Examining Civil War Medicine
The history of Civil War Medicine in the public sphere is one of great misunderstanding. Popular knowledge places Civil War Medicine in the same realm as butchery. Conversely, the academic field of Civil War Medicine History has, for decades, examined the true nature of the field. Historians first studied the evolution of the bureaucratic elements surrounding medicine during the war, studying the development of both Union and Confederate medical departments. Subsequently, historians have studied medical procedures and science from the era as well as nursing, the great organizers and modernizers of medicine, the medical treatment of slaves and freedmen who served in Union Army and the government entities that helped create medical departments, capable of treating millions. Only recently, however, historians have started to examine the effect the war itself had on the modernization of American Medicine.
Medicine was modernized during the American Civil War, purely out of necessity. The minimal medical branch of the pre-war United States Army was forced to handle an exponentially growing force. The Confederacy, while creating an entirely new military, created its own medical capabilities. Casualties were unprecedented during the four-years of heavy fighting, with thousands suffering catastrophic wounds in just hours of fighting. Millions of soldiers suffered heavily from disease, with many thousands of those suffering, dying from their ailments. At the First Battle of Bull Run, July 21, 1861, the ineptitude of a poorly organized medical arm for the Union Army showed. Some hospitals filled with casualties, beyond their capabilities to treat while some received no patients at all. Retreating soldiers used the ambulances as carriages to safety and wounded soldiers suffered for days in summer heat, dying slowly as they awaited care that should have been the duty of those same ambulances.

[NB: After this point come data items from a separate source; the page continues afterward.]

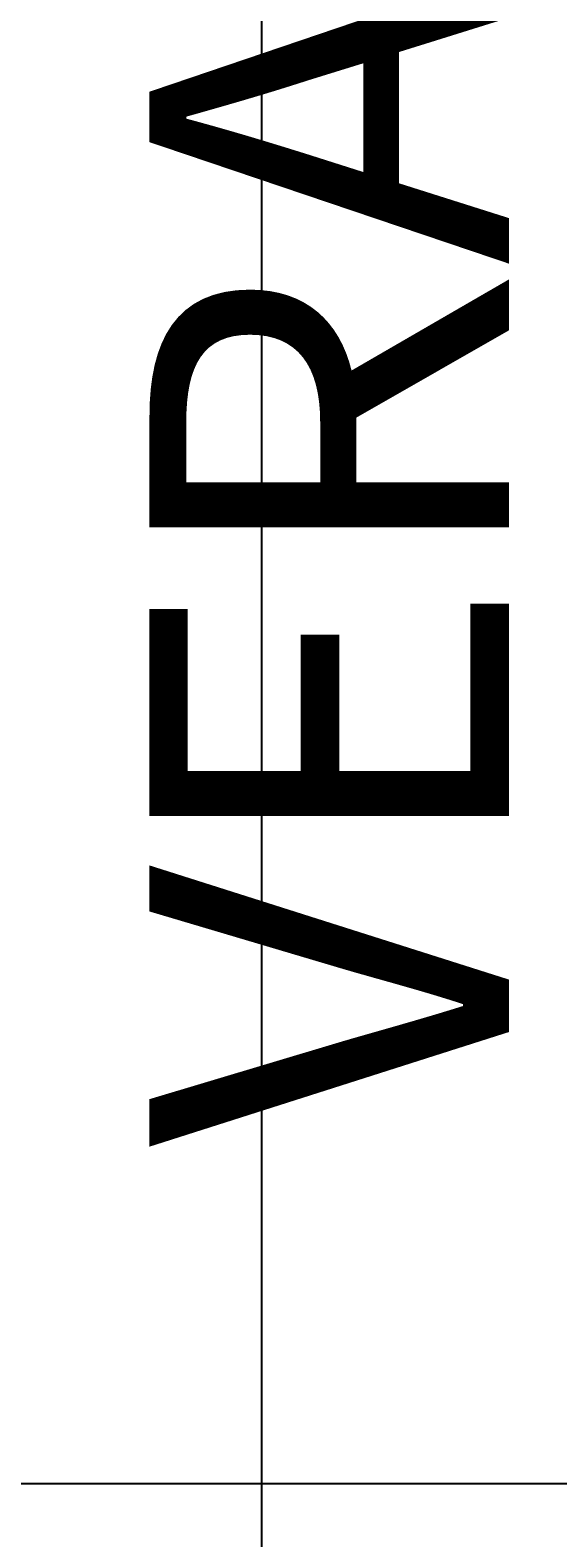
# Model space of a CAD drawing. Units: feet. Extents: x 1654 to 2985, y 1348 to 2230.
# Tile 11 of 53: x 2014 to 2027, y 1573 to 1608. Entities that reach past the tile are written whole.
import ezdxf

# ---------------------------------------------------------------- set-up
doc = ezdxf.new("R2010")
doc.units = ezdxf.units.FT
doc.layers.add('A-ANNO-DIMS', color=2, linetype='Continuous', lineweight=18)
doc.layers.add('A-AREA-IDEN', color=7, linetype='Continuous', lineweight=18)
doc.styles.get("Standard").update_dxf_attribs({"font": 'arial.ttf'})
doc.dimstyles.get("Standard").update_dxf_attribs({"dimtxt": 0.18, "dimasz": 0.18, "dimexe": 0.18, "dimexo": 0.0625, "dimgap": 0.09, "dimtad": 0, "dimtih": 1, "dimtoh": 1, "dimdec": 4, "dimzin": 0, "dimdsep": 46, "dimtxsty": 'Standard', "dimcen": 0.09, "dimadec": 0, "dimazin": 0, "dimtfac": 1, "dimtdec": 4, "dimtofl": 0, "dimtmove": 0, "dimatfit": 3, "dimfxl": 1, "dimtolj": 1, "dimtzin": 0, "dimarcsym": 0})

# ---------------------------------------------------------------- blocks, each defined once
blk = doc.blocks.new('*D90')
at = {"layer": 'A-ANNO-DIMS', "color": 0, "lineweight": -2, "transparency": 16777216}
for p, q in [((1852.155, 1641.187), (2242.272, 1641.187)), ((2242.092, 1641.007), (2242.092, 1607.903)), ((2242.092, 1574.435), (2242.092, 1607.539)), ((1852.155, 1574.255), (2242.272, 1574.255))]:
    blk.add_line(p, q, dxfattribs=at)
at = {"layer": 'A-ANNO-DIMS', "color": 0, "transparency": 16777216}
for points in [[(2242.062, 1641.007), (2242.122, 1641.007), (2242.092, 1641.187)], [(2242.062, 1574.435), (2242.122, 1574.435), (2242.092, 1574.255)]]:
    blk.add_solid(points, dxfattribs=at)
at = {"layer": 'Defpoints', "color": 0, "transparency": 16777216}
for p in [(1852.092, 1641.187), (2242.092, 1641.187), (1852.092, 1574.255)]:
    blk.add_point(p, dxfattribs=at)
at = {"layer": 'A-ANNO-DIMS', "color": 0, "transparency": 16777216, "insert": (2242.092, 1607.721), "char_height": 0.18, "attachment_point": 5}
blk.add_mtext('\\A1;66.93', dxfattribs=at)
blk = doc.blocks.new('*D102')
at = {"layer": 'A-ANNO-DIMS', "color": 0, "lineweight": -2, "transparency": 16777216}
for p, q in [((2008.092, 1742.192), (2008.092, 1534.075)), ((2019.757, 1742.192), (2019.757, 1534.075)), ((2008.272, 1534.255), (2013.47, 1534.255)), ((2019.577, 1534.255), (2014.379, 1534.255))]:
    blk.add_line(p, q, dxfattribs=at)
at = {"layer": 'A-ANNO-DIMS', "color": 0, "transparency": 16777216}
for points in [[(2008.272, 1534.285), (2008.272, 1534.225), (2008.092, 1534.255)], [(2019.577, 1534.285), (2019.577, 1534.225), (2019.757, 1534.255)]]:
    blk.add_solid(points, dxfattribs=at)
at = {"layer": 'Defpoints', "color": 0, "transparency": 16777216}
for p in [(2008.092, 1742.255), (2019.757, 1742.255), (2019.757, 1534.255)]:
    blk.add_point(p, dxfattribs=at)
at = {"layer": 'A-ANNO-DIMS', "color": 0, "transparency": 16777216, "insert": (2013.925, 1534.255), "char_height": 0.18, "attachment_point": 5}
blk.add_mtext('\\A1;11.664', dxfattribs=at)

msp = doc.modelspace()

# ---------------------------------------------------------------- texts
at = {"layer": 'A-AREA-IDEN'}
msp.add_text('VERANDAH', height=8.38114, rotation=90, dxfattribs=at).set_placement((2025.5306, 1582.1049))

# ---------------------------------------------------------------- dimensions: what is measured, and where the dimension line sits
at = {"layer": 'A-ANNO-DIMS'}
dim = msp.add_linear_dim(base=(2019.7567, 1534.2549), p1=(2008.0924, 1742.2549), p2=(2019.7567, 1742.2549), dimstyle='Standard', override={"dimdec": 3, "dimlfac": 1, "dimrnd": 0, "dimzin": 0, "dimdsep": 46, "dimlunit": 2}, dxfattribs=at)
dim.commit()
dim.dimension.update_dxf_attribs({"geometry": '*D102', "text_midpoint": (2013.9246, 1534.2549)})
dim = msp.add_linear_dim(base=(2242.0924, 1641.187), p1=(1852.0924, 1574.2549), p2=(1852.0924, 1641.187), angle=90, dimstyle='Standard', override={"dimdec": 2, "dimlfac": 1, "dimrnd": 0, "dimzin": 0, "dimdsep": 46, "dimlunit": 2}, dxfattribs=at)
dim.commit()
dim.dimension.update_dxf_attribs({"geometry": '*D90', "text_midpoint": (2242.0924, 1607.721)})

doc.saveas('drawing.dxf')

Poor hygiene in camp, costing thousands of American lives and the poor battlefield performance of the medical leaders, pushed American women to partake in political persuasion. The eventual United States Sanitary Commission put in place Surgeon General William Hammond who rapidly reorganized the military. His quick work and change of medical procedure have endeared him to historians as a man of great resolution. Many have labeled him and his bureaucrats as the major components, who changed the medical field, modernizing it and saving thousands of lives. On the other hand, the surgeons who worked is battlefield conditions and military encampments have been overlooked. Many surgeons have been painted as poorly trained, men and women of an outdated scientific and medical system. They have often been deemed as incapable of comprehending true, scientific depth. Of course, the premise of this is unfounded.
The thousands of surgeons who enlisted in the forces of both Union and Confederate ranks, have left behind a wealth of knowledge. Their papers show medical professionals who were deeply curious about science and embedded in their medical careers. Civil War surgeons graduated from the battlefield and many of them carried forward into prominent medical careers. These surgeons are the aim of this dissertation topic. The major question at hand is why were these medical professionals able to modernize Civil War medicine, and later, American medicine? Outside of the grasp of larger government organization, many of these surgeons had little contact with the recently organized medical records and groundbreaking scientific studies, rather, they learned through their work in the field. They were scientifically inclined, working in a rather unrewarding career, focused on not only helping but satiating scientific curiosity.
There is a hole in the historiography. While the Civil War as a key watershed in the movement towards a modern medical field has been examined, the effect the war had on individual surgeons has not. It wasn’t simply the grand organization of men like William Hammond and Samuel Stout who helped these surgeons find success during the war. It was the experienced, trained medical professionals who used the war as a learning experience. Countless numbers of stewards, nurses and other workers used the war as a catalyst for a medical career, after the war itself.
There is a great wealth of information on the medical aspect of the American Civil War. Tens of thousands of medical records were organized into an exhaustive, official, history from the war titled Medical and Surgical History of the War of the Rebellion. Monstrous collections of papers, documents and specimens were stored at places like the Otis Historical Archives at the National Museum of Health and Medicine. The greatest wealth of knowledge, however, is scattered throughout a tremendous array of small archives, university libraries and various museums that hold the manuscripts, diaries and written works from hundreds of surgeons, on either side of the conflict. This is to serve as the greatest driver of the dissertation topic, where the contribution to medicine, by the individual surgeons, serve as the greatest focus. The exhaustive study of these manuscripts and papers will add to the larger body of knowledge that will compose this dissertation. These are familiar to me through previous work, where I have countless notes and scans of documents from many medical workers of the war.
This will be removed from the study of medical departments, leaders, women, minorities and science that has composed the field. Rather, the look at individual contribution, by physicians and the conditions these doctors came from, worked in and the experience gained is a region that has yet to be fully examined. This is an important switch, away from the larger emphasis on governing bodies or leadership, as the foundation for success. The individual effort, in a concerted way, is the true value in the creation of success, as this dissertation will aim to show. The major hope is to uncover the true nature of the many medical professionals and surgeons and the true modernity of their standing as scientists and medical professionals. Furthermore, the experiential aspect of the war and how it drove the careers once the war was finished will hopefully show a transition to a more modernized field of American medicine.